New fund offer
Key Takeaways
- A new fund offer or NFO refers to the launch of a new fund by an AMC.
- An NFO behaves similarly to an initial public offering (IPO) of equity shares by a company.
- Investors look at NFO as an investment opportunity, because other existing funds’ value is higher than the NFO’s.
A new fund offer or NFO refers to the launch of a new fund by an AMC. The money raised through an NFO is invested by the fund house in the markets, and the units are then issued to the initial investors.
Know more
An NFO behaves similarly to an initial public offering (IPO) of equity shares by a company. Just as new shares of a just-listed company are distributed among investors in an IPO, new units of a new fund are distributed among investors in an NFO.
About NFO
Whenever funds open for a business or an AMC launches new funds with selling purposes, this is known as the new fund offer. The investor can buy funds in the NFO period at net asset value (NAV).
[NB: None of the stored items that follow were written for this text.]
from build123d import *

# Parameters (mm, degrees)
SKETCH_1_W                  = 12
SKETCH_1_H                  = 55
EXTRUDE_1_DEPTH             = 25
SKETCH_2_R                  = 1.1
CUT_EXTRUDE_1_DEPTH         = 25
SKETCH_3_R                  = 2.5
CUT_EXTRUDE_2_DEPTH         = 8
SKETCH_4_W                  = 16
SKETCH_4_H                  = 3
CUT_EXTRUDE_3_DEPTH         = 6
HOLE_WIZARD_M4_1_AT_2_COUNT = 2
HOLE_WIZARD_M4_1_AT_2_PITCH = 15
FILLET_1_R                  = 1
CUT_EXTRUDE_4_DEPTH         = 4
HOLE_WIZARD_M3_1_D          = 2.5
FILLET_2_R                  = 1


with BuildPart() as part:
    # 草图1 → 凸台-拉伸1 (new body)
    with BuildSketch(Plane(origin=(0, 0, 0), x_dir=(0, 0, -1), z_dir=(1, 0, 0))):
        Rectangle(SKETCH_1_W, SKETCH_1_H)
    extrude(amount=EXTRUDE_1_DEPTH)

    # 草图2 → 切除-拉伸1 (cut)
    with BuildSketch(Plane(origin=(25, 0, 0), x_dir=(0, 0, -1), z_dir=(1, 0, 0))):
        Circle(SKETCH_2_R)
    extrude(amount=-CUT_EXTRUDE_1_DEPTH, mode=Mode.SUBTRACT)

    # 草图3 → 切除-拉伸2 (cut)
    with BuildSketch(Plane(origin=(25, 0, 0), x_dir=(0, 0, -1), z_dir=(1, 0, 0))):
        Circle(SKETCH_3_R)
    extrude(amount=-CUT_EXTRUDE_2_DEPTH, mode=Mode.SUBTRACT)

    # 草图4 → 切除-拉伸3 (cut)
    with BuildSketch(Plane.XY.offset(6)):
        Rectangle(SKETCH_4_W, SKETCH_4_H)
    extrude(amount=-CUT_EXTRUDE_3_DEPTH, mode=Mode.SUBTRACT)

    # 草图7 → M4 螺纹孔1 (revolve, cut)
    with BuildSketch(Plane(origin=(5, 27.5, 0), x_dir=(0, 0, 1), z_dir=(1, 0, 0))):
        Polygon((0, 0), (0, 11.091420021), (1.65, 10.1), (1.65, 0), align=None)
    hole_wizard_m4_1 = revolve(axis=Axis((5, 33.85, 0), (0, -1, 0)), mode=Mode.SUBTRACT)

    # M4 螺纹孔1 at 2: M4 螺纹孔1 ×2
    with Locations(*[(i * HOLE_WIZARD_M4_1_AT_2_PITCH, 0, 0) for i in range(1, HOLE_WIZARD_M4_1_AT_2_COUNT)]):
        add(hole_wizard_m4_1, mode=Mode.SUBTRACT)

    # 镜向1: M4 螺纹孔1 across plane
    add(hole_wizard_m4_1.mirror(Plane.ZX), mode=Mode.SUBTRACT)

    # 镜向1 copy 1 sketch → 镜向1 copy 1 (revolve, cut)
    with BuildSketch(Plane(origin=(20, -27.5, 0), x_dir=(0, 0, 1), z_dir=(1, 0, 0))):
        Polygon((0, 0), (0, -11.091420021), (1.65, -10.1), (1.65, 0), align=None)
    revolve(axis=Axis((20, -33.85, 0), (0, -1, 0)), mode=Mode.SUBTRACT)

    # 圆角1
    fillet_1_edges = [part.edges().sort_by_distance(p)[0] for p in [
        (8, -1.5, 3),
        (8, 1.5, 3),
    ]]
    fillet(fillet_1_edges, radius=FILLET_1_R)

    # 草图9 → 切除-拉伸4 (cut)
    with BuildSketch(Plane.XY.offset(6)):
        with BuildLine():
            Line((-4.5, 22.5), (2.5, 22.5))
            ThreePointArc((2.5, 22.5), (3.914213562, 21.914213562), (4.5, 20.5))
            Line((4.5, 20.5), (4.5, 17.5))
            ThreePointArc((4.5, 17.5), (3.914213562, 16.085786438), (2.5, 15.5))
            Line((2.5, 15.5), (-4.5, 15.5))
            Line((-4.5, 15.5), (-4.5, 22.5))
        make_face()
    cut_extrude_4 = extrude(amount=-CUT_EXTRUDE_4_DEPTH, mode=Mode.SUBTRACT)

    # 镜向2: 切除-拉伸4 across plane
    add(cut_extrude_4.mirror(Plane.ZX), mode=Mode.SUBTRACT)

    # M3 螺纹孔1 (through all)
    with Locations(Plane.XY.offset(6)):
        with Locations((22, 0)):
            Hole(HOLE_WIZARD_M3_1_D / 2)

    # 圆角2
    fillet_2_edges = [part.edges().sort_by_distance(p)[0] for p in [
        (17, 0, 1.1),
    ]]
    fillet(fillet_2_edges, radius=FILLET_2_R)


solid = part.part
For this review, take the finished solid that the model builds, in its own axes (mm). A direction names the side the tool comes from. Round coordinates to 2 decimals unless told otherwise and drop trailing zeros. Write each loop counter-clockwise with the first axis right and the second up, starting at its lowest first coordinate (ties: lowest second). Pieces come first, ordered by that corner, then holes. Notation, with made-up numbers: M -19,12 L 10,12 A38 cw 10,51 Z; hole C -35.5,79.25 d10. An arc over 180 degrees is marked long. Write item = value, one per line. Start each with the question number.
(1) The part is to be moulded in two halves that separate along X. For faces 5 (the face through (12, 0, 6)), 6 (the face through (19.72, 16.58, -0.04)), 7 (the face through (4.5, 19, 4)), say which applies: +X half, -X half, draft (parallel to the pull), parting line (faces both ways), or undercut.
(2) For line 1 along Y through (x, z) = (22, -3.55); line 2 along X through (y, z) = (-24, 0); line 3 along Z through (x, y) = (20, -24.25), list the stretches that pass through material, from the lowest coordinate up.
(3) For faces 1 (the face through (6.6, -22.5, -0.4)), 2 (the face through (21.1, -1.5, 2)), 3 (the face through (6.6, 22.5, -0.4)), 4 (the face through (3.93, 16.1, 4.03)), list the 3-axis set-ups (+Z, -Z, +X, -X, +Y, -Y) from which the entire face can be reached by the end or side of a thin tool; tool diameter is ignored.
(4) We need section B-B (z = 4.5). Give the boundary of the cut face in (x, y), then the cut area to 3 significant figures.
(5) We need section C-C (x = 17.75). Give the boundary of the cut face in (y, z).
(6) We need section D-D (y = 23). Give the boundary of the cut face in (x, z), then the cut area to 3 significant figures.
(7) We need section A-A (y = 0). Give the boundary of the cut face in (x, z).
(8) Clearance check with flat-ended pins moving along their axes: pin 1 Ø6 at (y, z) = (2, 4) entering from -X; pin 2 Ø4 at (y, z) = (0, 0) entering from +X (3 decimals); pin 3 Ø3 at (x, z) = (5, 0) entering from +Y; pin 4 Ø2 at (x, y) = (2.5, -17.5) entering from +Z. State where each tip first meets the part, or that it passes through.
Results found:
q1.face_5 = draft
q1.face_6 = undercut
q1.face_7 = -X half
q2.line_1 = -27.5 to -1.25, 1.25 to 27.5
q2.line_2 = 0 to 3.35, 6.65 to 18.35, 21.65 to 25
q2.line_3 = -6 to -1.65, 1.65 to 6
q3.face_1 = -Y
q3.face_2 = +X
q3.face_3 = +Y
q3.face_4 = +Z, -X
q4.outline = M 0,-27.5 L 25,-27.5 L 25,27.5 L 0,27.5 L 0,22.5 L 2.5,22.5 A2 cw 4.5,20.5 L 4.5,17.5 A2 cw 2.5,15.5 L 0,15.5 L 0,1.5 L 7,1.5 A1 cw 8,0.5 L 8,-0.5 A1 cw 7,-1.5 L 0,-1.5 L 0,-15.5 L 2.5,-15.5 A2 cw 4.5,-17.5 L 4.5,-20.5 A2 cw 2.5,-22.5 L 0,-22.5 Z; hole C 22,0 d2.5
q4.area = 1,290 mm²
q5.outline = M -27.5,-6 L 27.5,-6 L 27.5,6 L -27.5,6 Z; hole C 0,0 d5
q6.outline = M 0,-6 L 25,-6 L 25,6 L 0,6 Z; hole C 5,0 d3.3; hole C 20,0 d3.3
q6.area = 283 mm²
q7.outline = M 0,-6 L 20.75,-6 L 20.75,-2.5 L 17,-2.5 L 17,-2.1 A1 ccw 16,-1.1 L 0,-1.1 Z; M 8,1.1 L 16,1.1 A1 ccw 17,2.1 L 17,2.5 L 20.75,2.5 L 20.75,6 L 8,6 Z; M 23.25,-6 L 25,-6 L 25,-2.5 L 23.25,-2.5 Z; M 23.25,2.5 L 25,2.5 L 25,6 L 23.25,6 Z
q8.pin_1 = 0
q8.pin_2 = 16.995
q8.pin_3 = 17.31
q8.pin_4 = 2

The NAV value of a new fund remains fixed for a whole NFO period. The NFO’s function is similar to the IPO’s Initial public offering, which is to raise capital for the company. Initially, the value of NFO funds is fixed at RS. 10. After the expiration of the NFO period, funds are traded according to their net asset value (NAV) in the share market. Mutual funds, open-ended funds, and closed-ended funds are introduced to the investor during the NFO.
Should we invest in an NFO or not?
Through new funds offering organizations aimed at raising capital for the business. Investors look at NFO as an investment opportunity, because other existing funds’ value is higher than the NFO’s. Once the NFO period expires, Investors are able to generate some gain after listing of NFO in the stock exchange.